1994 F-150 with 4.9L (300 cubic inch) straight 6 cylinder.
147,000 miles on truck
oil change every 3500 miles
truck did not miss, burn oil, etc.

Someone posted a site that discussed Ford problems but I can't find the reference. Anyone know what it was?

Thanks for any help.


----------



## Yankee1 (Dec 17, 2003)

http://www.ford-trucks.com/forums/index.php?


----------



## moopups (May 12, 2002)

If memory serves correctly the distributer is turned by the gears on the camshaft and if it does not turn that indicates a sheared cam or maybe the woodruf key in the alignment slot at the timming gear area. The diesel like chattering fits in with loose timming problems. Pull the oil fill cap and see if you can see the closest valve pushrod, turn the engine over and watch for movement, if none go directly to the woodruf key and cam connection.


----------



## big rockpile (Feb 24, 2003)

I think I know this one.There is a little flat piece my wife calls the Brain,just below the distributer,its just plugs in,have to have a speacial tool to take it off and on.

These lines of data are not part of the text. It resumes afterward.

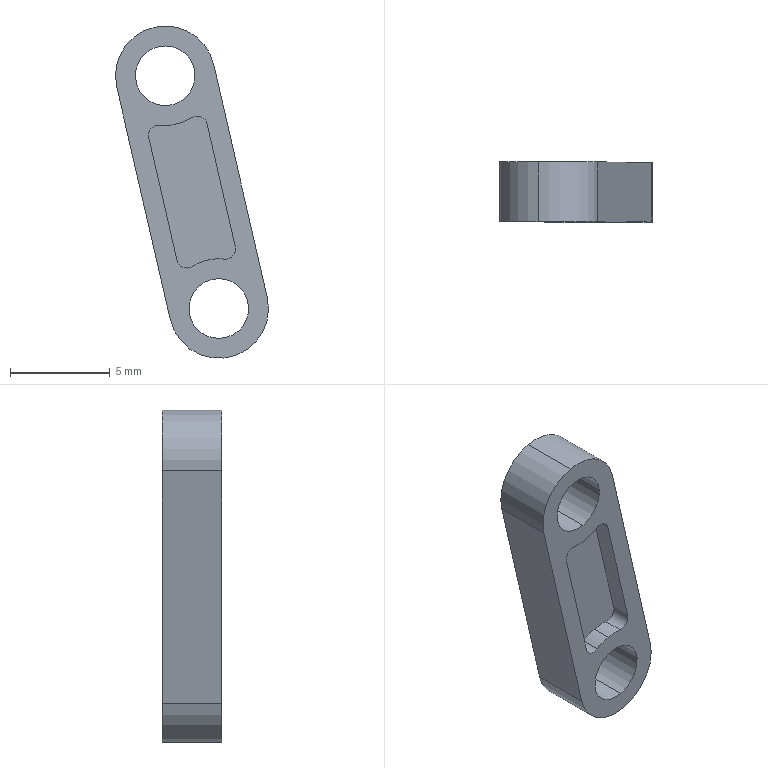Component | SolidWorks | JawOne-1 | 1 solid | 35 faces | box 7.69 x 3 x 16.69 mm | volume 154 mm3 | cylinder 25 | plane 10 | commonest cylinder face diameters 1 x12 5 x9 3 x4
build123d program:
from build123d import *

# Parameters (mm, degrees)
BOSS_EXTRUDE1_DEPTH  = 1.5
SKETCH2_R            = 1.5
CUT_EXTRUDE1_DEPTH   = 3
CUT_EXTRUDE2_DEPTH   = 1
FILLET1_R            = 0.5
FILLET1_OF_MIRROR1_R = 0.5


with BuildPart() as part:
    # Sketch1 → Boss-Extrude1 (new, symmetric)
    with BuildSketch(Plane.XY):
        with BuildLine():
            Line((-8, 2.5), (4, 2.5))
            ThreePointArc((4, 2.5), (6.5, 0), (4, -2.5))
            Line((4, -2.5), (-8, -2.5))
            ThreePointArc((-8, -2.5), (-10.5, 0), (-8, 2.5))
        make_face()
    extrude(amount=BOSS_EXTRUDE1_DEPTH, both=True)

    # Sketch2 → Cut-Extrude1 (cut)
    with BuildSketch(Plane.XY.offset(1.5)):
        with Locations((-8, 0)):
            Circle(SKETCH2_R)
        with Locations((4, 0)):
            Circle(SKETCH2_R)
    extrude(amount=-CUT_EXTRUDE1_DEPTH, mode=Mode.SUBTRACT)

    # Sketch3 → Cut-Extrude2 (cut)
    with BuildSketch(Plane.XY.offset(1.5)):
        with BuildLine():
            Line((2, 1.5), (-6, 1.5))
            ThreePointArc((-6, 1.5), (-5.5, 0), (-6, -1.5))
            Line((-6, -1.5), (2, -1.5))
            ThreePointArc((2, -1.5), (1.5, 0), (2, 1.5))
        make_face()
    cut_extrude2 = extrude(amount=-CUT_EXTRUDE2_DEPTH, mode=Mode.SUBTRACT)

    # Fillet1
    fillet1_edges = [part.edges().sort_by_distance(p)[0] for p in [
        (2, 1.5, 1),
        (2, -1.5, 1),
        (-6, -1.5, 1),
        (-6, 1.5, 1),
    ]]
    fillet(fillet1_edges, radius=FILLET1_R)

    # Mirror1: Cut-Extrude2 across plane
    add(cut_extrude2.mirror(Plane.XY), mode=Mode.SUBTRACT)

    # Fillet1 of Mirror1
    fillet1_of_mirror1_edges = [part.edges().sort_by_distance(p)[0] for p in [
        (2, 1.5, -1),
        (2, -1.5, -1),
        (-6, -1.5, -1),
        (-6, 1.5, -1),
    ]]
    fillet(fillet1_of_mirror1_edges, radius=FILLET1_OF_MIRROR1_R)


solid = part.part

# Placed as in the assembly
solid = solid.moved(Location((-24.071, -1.7, 220.11), (90, 0, -77.052)))

Then again it might be your Pickup Coil.

big rockpile


----------



## wy_white_wolf (Oct 14, 2004)

retire2$ said:


> Thinking it may be the timing chain but a check in the Chilton Manual indicates there is no timing chain or belt just 2 gears. My next step unless someone has other suggestons is to remove the radiator, fan, and timing cover to check the timing gears.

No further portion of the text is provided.